Образ его не дает покоя адвокату Познанскому. Он прочитал письмо и насторожился. Под глубоким впечатлением прочитанного он изучил его тетрадку в черной обложке, которая хранит рисунки юноши, обрывки

стихов, случайные мысли, мнения, впечатления, вопросы. Сначала Познанский занялся этой записной книжкой из своеобразного спорта: он любитель стенографии, которую считает разумным и похвальным изобретением, знает все системы и способы сокращений и еще в школе выдвинулся как специалист по расшифровыванию чужих почерков. Уже самая манера письма, этих карандашных штрихов, говорит ему о внутреннем складе человека. Это писал честный и простой человек, и содержание каждой страницы лишь подтверждает такое мнение. У молодого Кройзинга было свое лицо! Он выступил против несправедливости не из корыстных целей, а против несправедливости как таковой— против отвратительного пятна на теле общества, которое он любит. Да, в этом юноше сквозит прекрасная, чистая любовь к Германии. Он не искажает лица своего народа: видит его мужественные черты, видит и его слабости.

«Не понимаю, — жалуется он в одном из писем, — почему наши солдаты позволяют так обращаться с собой; ведь они не тупоумны и не лишены чувства справедливости: наоборот, они скорее, как женщины, чувствительны ко всякой обиде. Разве мы народ женственный? Суждено ли нам только знать о наших страданиях и, в лучшем случае, высказывать это? Я так не могу».

Он ясно сознает, что высокое нравственное развитие великих немецких писателей и мыслителей уходит своими корнями в народ…

«…но эти корни представляются мне лишь в виде длинных, похожих на веревку волокон, которые обвиваются вокруг множества препятствий и лишь много времени спустя, вдалеке от первоначального места, пробиваются на свет божий, расцветая красивым цветком.

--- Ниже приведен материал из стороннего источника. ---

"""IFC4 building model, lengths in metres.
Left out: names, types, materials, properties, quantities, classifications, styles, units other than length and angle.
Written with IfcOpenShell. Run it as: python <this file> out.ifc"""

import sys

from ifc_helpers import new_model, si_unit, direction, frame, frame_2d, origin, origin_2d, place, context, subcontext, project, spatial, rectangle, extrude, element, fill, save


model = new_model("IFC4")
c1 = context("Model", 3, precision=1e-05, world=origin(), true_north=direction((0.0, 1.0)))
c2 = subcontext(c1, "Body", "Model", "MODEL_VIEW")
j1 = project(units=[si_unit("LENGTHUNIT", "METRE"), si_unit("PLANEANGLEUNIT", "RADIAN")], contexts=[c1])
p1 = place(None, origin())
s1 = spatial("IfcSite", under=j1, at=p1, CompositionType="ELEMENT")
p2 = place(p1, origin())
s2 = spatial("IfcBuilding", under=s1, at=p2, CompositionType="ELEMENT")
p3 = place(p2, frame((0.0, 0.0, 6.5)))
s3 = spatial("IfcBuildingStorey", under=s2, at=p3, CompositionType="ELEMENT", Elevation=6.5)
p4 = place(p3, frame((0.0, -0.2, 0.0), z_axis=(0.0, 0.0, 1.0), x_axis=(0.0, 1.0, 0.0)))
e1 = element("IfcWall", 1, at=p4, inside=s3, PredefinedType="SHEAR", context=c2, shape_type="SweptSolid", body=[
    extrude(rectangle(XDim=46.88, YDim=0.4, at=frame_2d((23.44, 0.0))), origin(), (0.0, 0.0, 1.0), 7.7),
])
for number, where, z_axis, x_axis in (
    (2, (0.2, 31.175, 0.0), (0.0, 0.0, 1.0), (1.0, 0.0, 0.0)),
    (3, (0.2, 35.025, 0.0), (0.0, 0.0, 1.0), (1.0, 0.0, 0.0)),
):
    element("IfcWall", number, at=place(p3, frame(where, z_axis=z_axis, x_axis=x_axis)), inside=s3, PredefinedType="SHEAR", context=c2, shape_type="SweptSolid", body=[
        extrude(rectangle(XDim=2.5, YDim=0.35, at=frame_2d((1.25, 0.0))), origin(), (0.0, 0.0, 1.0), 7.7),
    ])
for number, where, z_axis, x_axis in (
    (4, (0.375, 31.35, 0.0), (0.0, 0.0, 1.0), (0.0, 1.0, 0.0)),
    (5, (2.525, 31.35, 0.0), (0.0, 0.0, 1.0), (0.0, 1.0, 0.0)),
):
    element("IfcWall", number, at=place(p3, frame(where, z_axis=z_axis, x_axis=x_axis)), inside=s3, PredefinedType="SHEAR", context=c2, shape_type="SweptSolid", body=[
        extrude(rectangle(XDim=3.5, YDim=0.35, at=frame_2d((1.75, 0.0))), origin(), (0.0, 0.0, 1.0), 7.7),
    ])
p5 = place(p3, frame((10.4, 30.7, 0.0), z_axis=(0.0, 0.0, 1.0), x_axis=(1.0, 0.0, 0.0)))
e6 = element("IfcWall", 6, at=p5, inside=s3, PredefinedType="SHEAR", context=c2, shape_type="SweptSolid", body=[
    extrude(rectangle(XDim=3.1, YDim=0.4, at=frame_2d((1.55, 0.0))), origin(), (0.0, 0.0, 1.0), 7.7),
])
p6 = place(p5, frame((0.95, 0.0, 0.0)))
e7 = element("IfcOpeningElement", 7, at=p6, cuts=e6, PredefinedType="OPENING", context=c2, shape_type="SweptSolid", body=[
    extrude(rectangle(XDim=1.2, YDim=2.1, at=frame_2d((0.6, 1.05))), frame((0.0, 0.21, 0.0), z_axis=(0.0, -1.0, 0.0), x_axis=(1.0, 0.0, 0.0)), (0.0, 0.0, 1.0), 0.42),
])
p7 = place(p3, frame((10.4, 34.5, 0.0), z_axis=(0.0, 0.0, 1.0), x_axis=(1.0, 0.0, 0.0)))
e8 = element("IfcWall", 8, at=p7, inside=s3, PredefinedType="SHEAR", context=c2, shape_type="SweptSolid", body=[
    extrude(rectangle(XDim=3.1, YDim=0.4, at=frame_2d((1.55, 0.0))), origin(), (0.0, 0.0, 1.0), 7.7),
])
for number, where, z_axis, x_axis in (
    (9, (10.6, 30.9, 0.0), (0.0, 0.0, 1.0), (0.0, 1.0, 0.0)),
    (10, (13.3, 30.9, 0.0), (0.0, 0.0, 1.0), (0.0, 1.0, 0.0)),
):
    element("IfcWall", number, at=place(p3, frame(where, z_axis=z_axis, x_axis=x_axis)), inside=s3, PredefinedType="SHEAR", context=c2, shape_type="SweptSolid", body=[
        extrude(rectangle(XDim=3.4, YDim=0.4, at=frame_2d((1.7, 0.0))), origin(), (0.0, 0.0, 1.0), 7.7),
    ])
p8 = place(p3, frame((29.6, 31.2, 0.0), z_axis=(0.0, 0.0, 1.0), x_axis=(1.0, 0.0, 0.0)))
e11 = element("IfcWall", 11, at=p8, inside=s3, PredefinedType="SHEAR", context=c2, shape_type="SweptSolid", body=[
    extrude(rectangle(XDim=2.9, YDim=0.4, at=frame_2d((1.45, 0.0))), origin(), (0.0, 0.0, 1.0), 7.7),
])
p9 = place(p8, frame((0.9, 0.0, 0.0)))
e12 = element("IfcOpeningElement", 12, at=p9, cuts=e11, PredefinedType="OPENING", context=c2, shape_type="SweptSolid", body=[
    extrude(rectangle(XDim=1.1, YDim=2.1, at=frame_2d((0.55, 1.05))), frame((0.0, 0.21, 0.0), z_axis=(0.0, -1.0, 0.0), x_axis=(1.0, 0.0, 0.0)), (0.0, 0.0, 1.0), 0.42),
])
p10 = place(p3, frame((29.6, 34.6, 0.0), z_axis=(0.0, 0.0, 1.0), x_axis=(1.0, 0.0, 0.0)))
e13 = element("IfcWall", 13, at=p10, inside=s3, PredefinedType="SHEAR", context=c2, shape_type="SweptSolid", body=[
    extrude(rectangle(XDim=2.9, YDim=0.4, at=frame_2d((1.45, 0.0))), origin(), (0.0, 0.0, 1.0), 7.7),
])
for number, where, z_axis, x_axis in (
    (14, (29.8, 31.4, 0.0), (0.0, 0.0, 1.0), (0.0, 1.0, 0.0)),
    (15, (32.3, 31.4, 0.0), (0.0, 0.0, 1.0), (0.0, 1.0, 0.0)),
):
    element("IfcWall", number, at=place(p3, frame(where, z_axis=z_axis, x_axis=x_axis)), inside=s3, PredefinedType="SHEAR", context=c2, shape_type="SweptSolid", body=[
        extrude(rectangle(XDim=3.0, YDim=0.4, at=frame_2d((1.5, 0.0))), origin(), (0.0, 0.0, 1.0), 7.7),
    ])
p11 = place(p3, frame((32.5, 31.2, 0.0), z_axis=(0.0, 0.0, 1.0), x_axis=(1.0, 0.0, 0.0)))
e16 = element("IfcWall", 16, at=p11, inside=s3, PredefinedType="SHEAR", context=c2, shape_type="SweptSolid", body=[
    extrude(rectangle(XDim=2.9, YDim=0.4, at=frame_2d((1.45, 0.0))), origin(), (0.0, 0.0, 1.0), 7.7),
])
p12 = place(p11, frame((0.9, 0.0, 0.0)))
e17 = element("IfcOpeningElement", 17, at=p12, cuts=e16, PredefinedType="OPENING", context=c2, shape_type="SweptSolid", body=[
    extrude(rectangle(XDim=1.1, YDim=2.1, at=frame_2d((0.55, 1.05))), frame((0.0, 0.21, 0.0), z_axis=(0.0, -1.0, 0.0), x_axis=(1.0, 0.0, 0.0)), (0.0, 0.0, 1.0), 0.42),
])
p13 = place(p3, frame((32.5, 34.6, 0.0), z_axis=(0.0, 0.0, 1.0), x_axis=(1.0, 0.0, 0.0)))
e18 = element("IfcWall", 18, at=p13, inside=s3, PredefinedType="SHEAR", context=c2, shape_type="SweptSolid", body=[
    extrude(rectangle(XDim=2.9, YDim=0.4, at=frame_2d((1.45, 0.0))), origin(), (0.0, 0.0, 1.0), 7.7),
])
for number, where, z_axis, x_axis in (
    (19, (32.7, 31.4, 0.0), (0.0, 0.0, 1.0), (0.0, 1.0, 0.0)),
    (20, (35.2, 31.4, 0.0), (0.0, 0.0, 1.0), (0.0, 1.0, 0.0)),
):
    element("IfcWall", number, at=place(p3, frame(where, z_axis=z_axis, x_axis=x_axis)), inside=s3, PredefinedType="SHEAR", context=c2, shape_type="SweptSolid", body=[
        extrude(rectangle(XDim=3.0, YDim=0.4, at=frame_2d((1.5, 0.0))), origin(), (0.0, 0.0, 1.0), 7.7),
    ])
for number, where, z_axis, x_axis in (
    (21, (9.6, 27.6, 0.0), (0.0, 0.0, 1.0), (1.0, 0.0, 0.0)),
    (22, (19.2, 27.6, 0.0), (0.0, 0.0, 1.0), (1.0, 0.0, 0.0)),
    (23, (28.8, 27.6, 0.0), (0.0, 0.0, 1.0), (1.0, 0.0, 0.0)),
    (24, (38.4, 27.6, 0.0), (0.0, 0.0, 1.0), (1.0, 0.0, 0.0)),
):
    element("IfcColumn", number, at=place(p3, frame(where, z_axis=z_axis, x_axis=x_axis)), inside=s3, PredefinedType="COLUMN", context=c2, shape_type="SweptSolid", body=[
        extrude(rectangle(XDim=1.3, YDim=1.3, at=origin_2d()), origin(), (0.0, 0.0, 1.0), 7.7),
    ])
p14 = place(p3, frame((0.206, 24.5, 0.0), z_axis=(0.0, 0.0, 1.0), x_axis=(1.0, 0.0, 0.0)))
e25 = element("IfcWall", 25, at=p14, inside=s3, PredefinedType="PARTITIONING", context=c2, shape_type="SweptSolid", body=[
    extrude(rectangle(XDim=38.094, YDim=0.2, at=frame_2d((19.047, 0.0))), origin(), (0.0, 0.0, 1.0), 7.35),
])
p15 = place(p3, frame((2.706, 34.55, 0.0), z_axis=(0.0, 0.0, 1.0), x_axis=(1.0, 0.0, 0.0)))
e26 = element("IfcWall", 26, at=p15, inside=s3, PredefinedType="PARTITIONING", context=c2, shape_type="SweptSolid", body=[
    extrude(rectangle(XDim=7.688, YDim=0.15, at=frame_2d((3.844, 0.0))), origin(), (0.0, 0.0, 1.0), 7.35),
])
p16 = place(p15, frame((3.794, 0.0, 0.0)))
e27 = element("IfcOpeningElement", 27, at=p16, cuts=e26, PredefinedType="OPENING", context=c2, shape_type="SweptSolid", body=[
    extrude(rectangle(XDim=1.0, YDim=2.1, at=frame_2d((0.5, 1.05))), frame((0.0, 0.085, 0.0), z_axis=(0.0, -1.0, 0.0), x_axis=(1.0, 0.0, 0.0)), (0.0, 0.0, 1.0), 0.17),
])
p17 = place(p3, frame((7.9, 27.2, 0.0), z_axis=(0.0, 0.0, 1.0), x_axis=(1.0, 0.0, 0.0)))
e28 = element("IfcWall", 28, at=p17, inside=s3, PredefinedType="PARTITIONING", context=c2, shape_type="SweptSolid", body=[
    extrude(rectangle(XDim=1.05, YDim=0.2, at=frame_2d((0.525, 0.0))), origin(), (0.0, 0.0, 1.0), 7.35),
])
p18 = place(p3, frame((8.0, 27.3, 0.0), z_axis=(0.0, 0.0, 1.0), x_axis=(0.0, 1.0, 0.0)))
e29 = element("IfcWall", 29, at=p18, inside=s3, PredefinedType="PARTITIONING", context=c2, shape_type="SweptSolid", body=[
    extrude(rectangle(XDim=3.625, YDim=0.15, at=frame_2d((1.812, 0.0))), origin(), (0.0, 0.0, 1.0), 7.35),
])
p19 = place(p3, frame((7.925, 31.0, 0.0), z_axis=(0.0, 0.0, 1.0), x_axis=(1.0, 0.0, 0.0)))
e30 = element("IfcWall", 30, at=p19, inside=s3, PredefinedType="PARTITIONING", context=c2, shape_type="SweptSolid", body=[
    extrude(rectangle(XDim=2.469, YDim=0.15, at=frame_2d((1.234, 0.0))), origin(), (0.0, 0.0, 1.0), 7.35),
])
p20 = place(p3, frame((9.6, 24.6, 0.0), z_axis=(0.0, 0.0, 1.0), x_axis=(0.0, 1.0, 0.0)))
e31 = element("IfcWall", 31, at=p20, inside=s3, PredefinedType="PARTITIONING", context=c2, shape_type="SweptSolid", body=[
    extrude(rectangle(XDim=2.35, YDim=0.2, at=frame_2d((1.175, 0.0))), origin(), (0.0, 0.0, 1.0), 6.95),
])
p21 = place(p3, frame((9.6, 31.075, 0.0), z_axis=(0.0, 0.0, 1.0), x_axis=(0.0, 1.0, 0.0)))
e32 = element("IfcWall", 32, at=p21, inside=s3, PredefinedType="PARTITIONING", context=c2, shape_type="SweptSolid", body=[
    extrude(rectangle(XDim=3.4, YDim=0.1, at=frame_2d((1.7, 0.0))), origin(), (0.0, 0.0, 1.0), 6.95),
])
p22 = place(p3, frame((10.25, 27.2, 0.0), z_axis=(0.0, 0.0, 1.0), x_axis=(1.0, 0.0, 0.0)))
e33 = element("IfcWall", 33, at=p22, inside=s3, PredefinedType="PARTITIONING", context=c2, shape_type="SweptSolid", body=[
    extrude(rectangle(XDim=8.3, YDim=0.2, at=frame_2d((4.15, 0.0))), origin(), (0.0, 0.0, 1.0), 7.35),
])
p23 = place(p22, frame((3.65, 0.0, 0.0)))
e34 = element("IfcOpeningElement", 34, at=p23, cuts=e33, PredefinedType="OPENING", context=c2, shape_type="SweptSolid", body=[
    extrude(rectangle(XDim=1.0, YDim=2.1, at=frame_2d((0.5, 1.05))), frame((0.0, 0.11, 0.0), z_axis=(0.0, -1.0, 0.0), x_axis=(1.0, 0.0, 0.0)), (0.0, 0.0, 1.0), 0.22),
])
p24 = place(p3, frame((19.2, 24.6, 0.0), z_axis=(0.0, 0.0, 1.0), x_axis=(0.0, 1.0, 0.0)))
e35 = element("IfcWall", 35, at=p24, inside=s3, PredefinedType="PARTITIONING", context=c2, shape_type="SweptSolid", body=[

Мне хотелось бы, чтобы у нас были короткие, крепкие корни и на них здоровая растительность в шипах и колючках, как защита против насилия».

В другом месте он жалуется, что «красота жизни, которая заложена в восходе солнца, звездном небе или хотя бы синеве дня, по-видимому, не оказывает влияния на нравы немцев. Какое-то время они любуются природой и затем возвращаются к привычкам, которые, вероятно, развивались бы не иначе и в подземельях. Однако Гете, Гельдерлин, Мерике и Готфрид Келлер, повидимому, всегда чувствовали, что существуют растения, ветры, тучи, потоки. Дыхание природы остается с ними и в рабочих комнатах, и в служебных канцеляриях, и на кафедре. Поэтому они свободны. Поэтому они велики».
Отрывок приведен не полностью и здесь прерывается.